But reading of people who go into other dimensions in out of body. they all state having or feeling vibrations and they vary in how strong they are.
The fact that auras in people that are very close to god shine much brighter than others. maybe at a different rate or speed. but if angels and God are on other planes of existance then this makes real since. to be in contact with the dimension would require also the aura change. or spirit change.

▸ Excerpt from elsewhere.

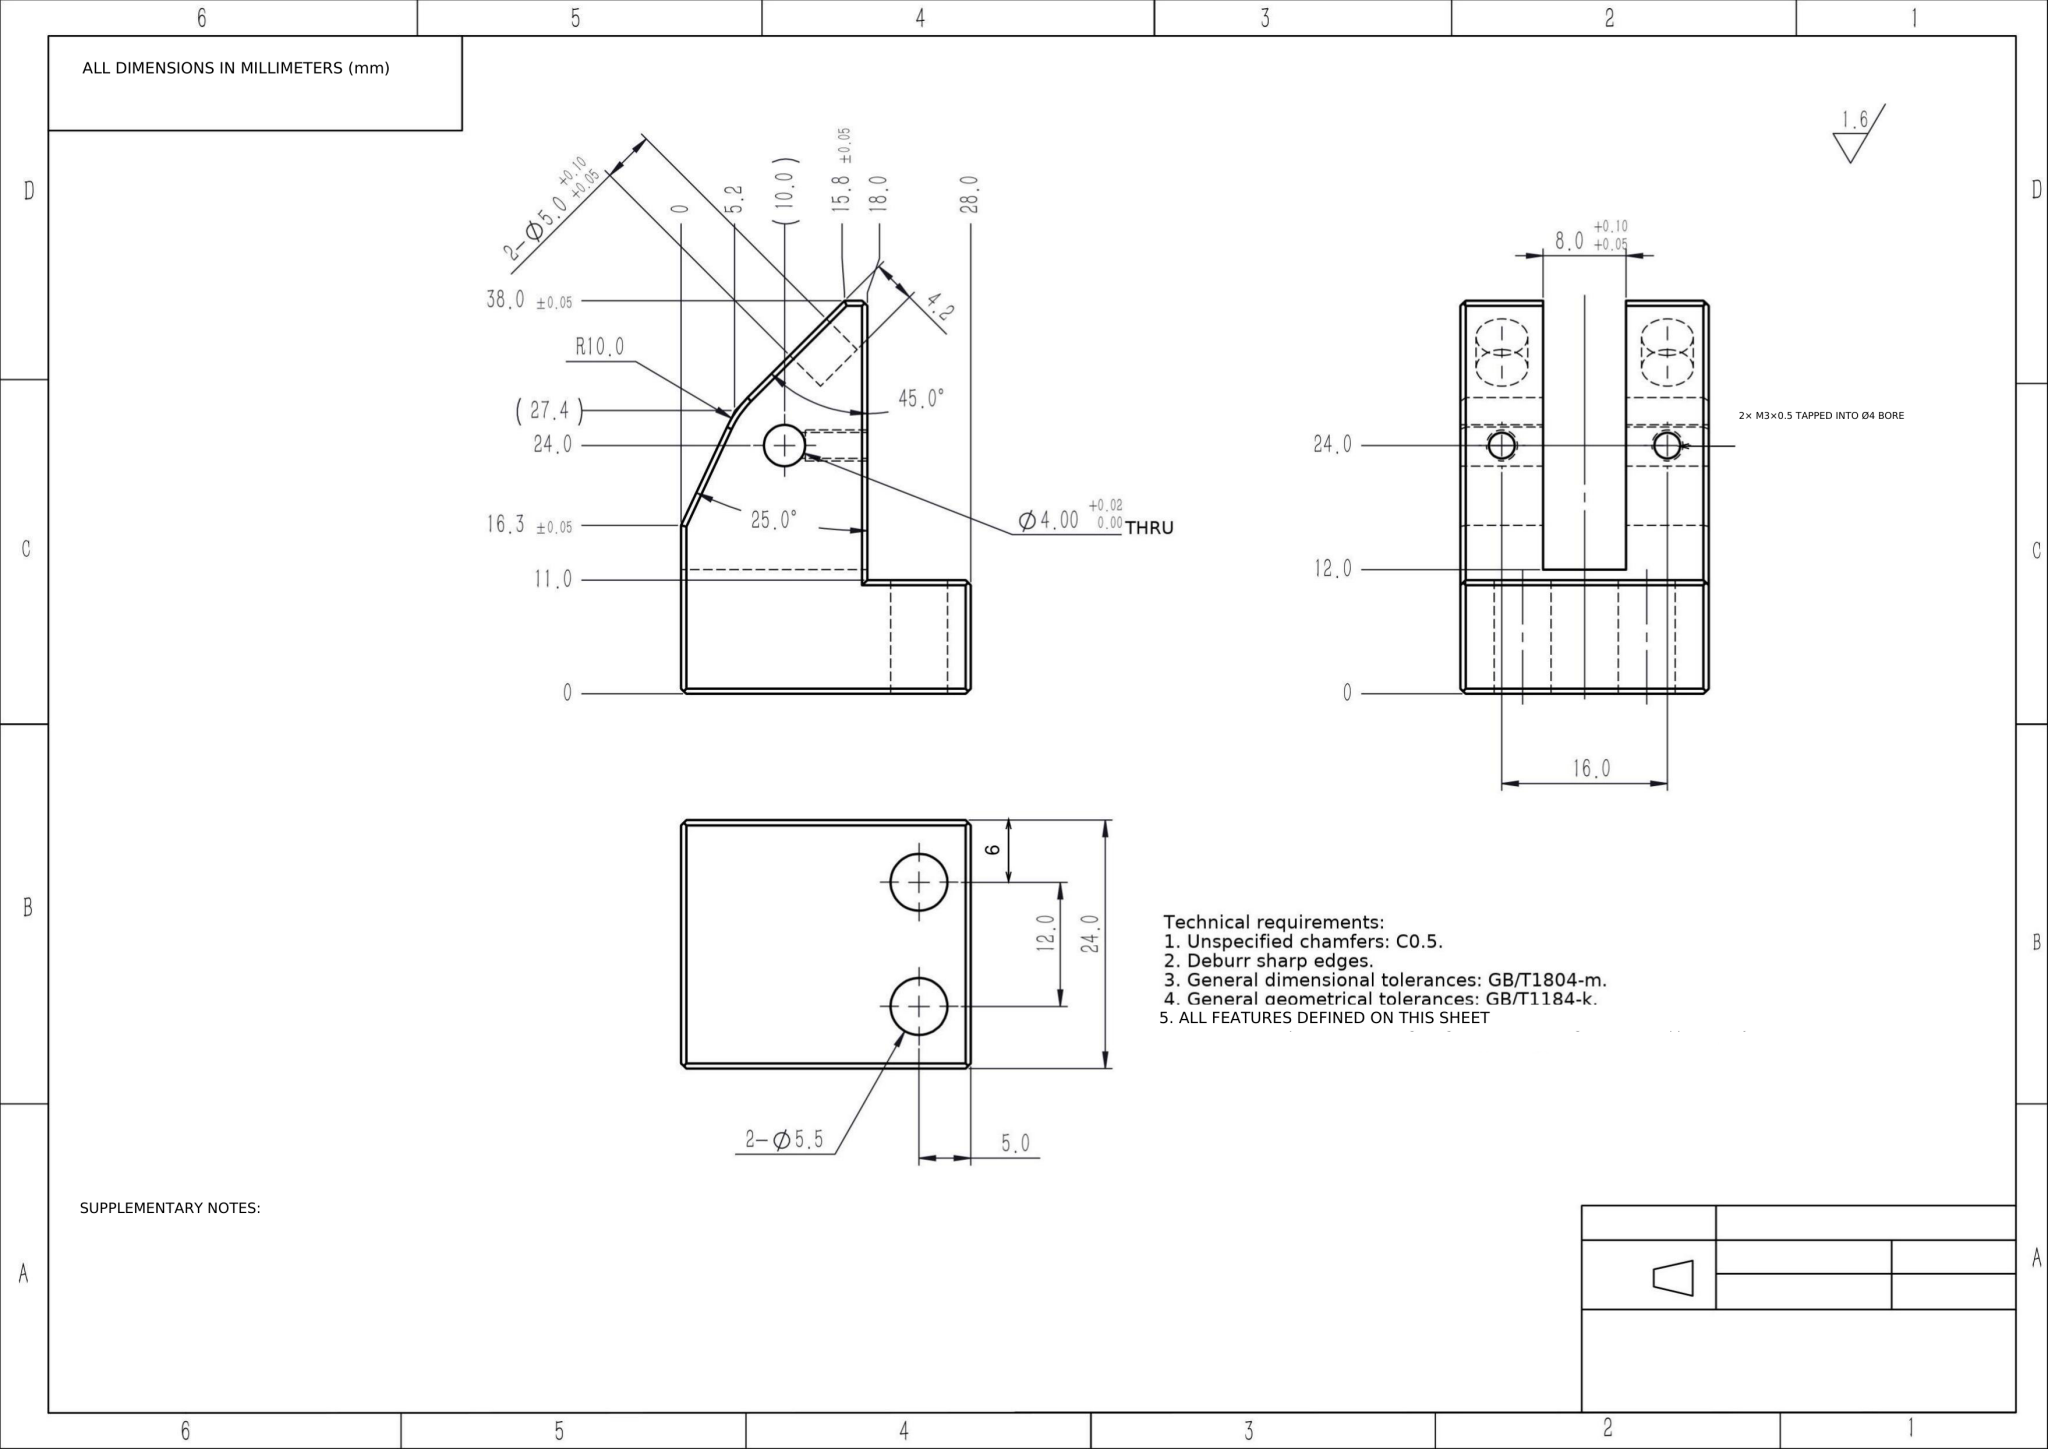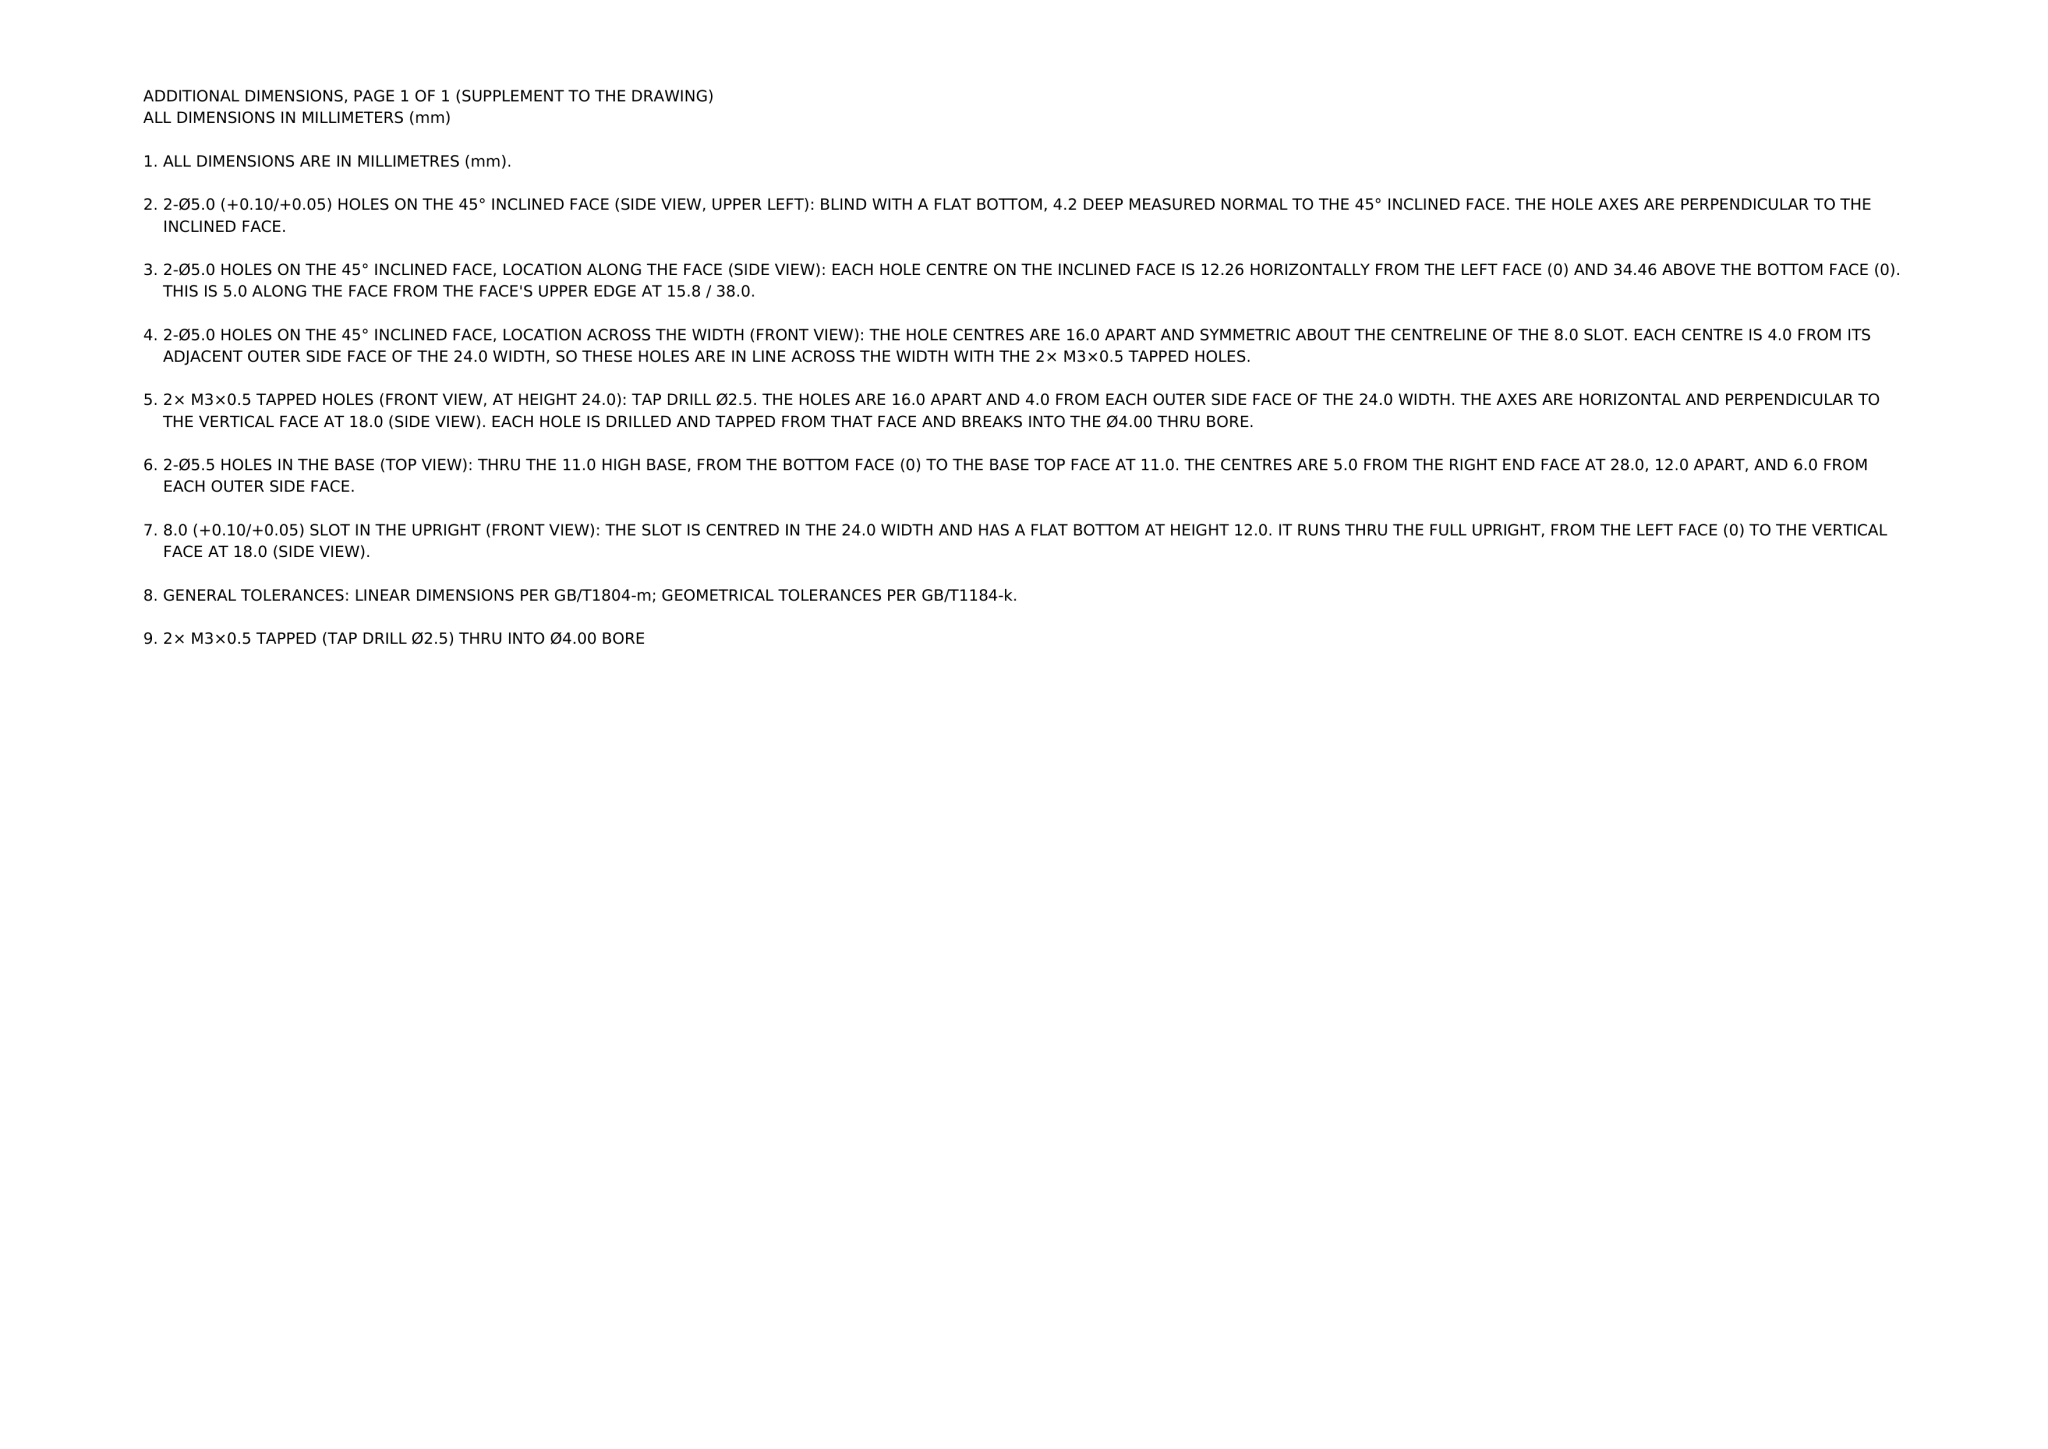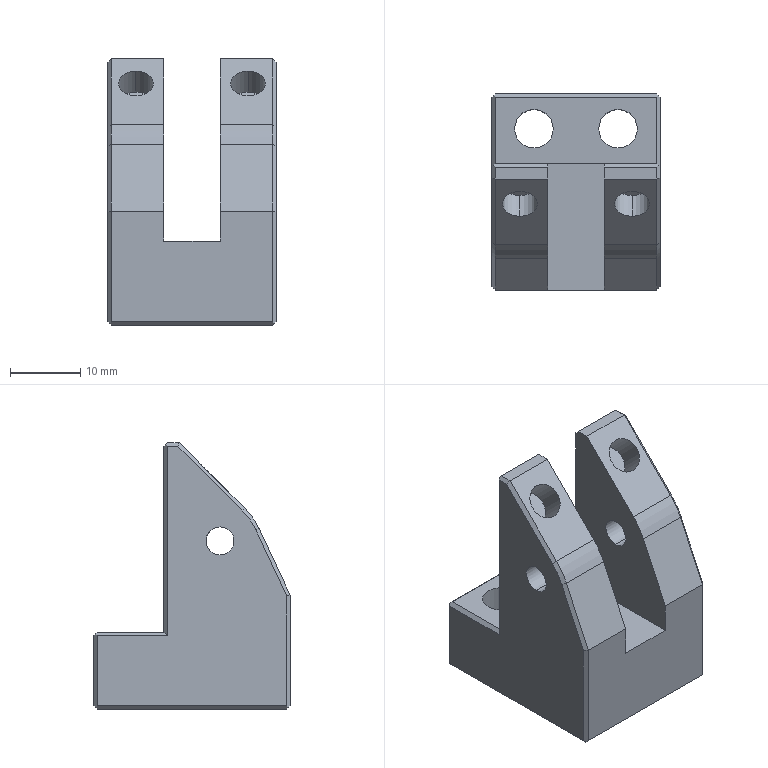Part | NX | mm | 1 solid | 59 faces | box 24 x 28 x 38 mm | volume 12078 mm3 | plane 39 | cylinder 18 | cone 2 | commonest cylinder face diameters 2.5 x4 5.5 x4 4 x4 5 x4 20 x2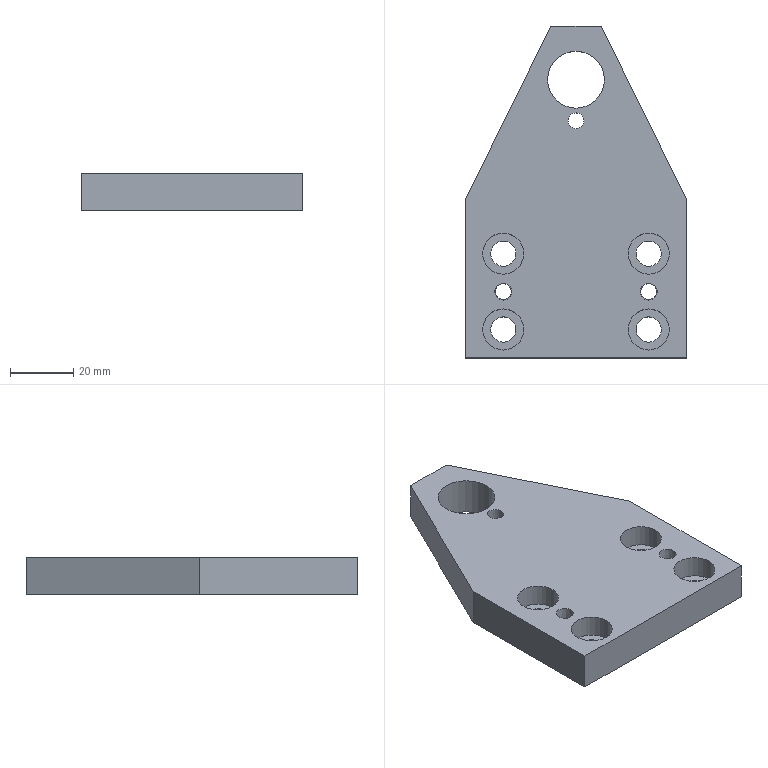Component | NX | DRILL_TEMPLATE | 1 solid | 24 faces | volume 61853 mm3 | plane 12 | cylinder 10 | cone 2 | commonest cylinder face diameters 8 x4 13 x4 5 x1 18 x1

I think things are made spiritually before they are made physically. having a lot of faith can produce something physically.
And I think the Montauk project is very interesting in the fact that they had a machine to amplify thought. which solified things into matter. that is how they claimed to make the time tunnel.I don't beleive that is entirely true for one thing they had to have a psychic operating the machine not just a regular person. I've been thinking on this.
a psychic is on like a spiritual level for one thing. still thinking on this though I could be totally wrong but thoughts are just coming to me.....they amplified more than thoughts.
I think that what originates reality is mind, beliefs etc.And maybe "originates" is not the right word either because probably mind more than originates, interprets,or even better, does both.It interprets and then defines reality according to its interpretation.In this sense reality should be a very plastic situation.
Anything could be real and unreal at the same time depending on the mind that is interpreting.So how real is reality?
I don’t think I have the right words for it. I mean that our perception of this reality is but a small piece of the whole. It is similar to a 2 dimension being trying to perceive a 3rd dimension. When a 3 dimensional being intersects a 2 dimensional plane, the beings of that plane only perceive 2 dimension of that 3 dimensional being. So even though we only can perceive in 3 dimensions doesn’t mean there is no more to a physical object or an energy signature. As for the origin of reality. I think it still comes down to an individuals perception and awareness and how they either act, re-act, or do nothing at all. It is a bit like the Quantum cat. There is a cat in a box and it is neither dead nor alive. Once you perceive the cat, in any way directly or in directly, the quantum state of the cat will rest as one or the other. Until the cat is perceived it is in a quantum state. As individuals we are creating our reality as we go along.
Dreams are what we make of them. Forget the rhetoric of analyst. Dreams, deja vu or other 'portals' are real. They exist in the mind of the observer or observers. There are cases were dream-like states have existed and shared among two or more individuals. To have a lucid dream where we control the events, timing and results are well documented. These go beyond simple reviews of everyday reality.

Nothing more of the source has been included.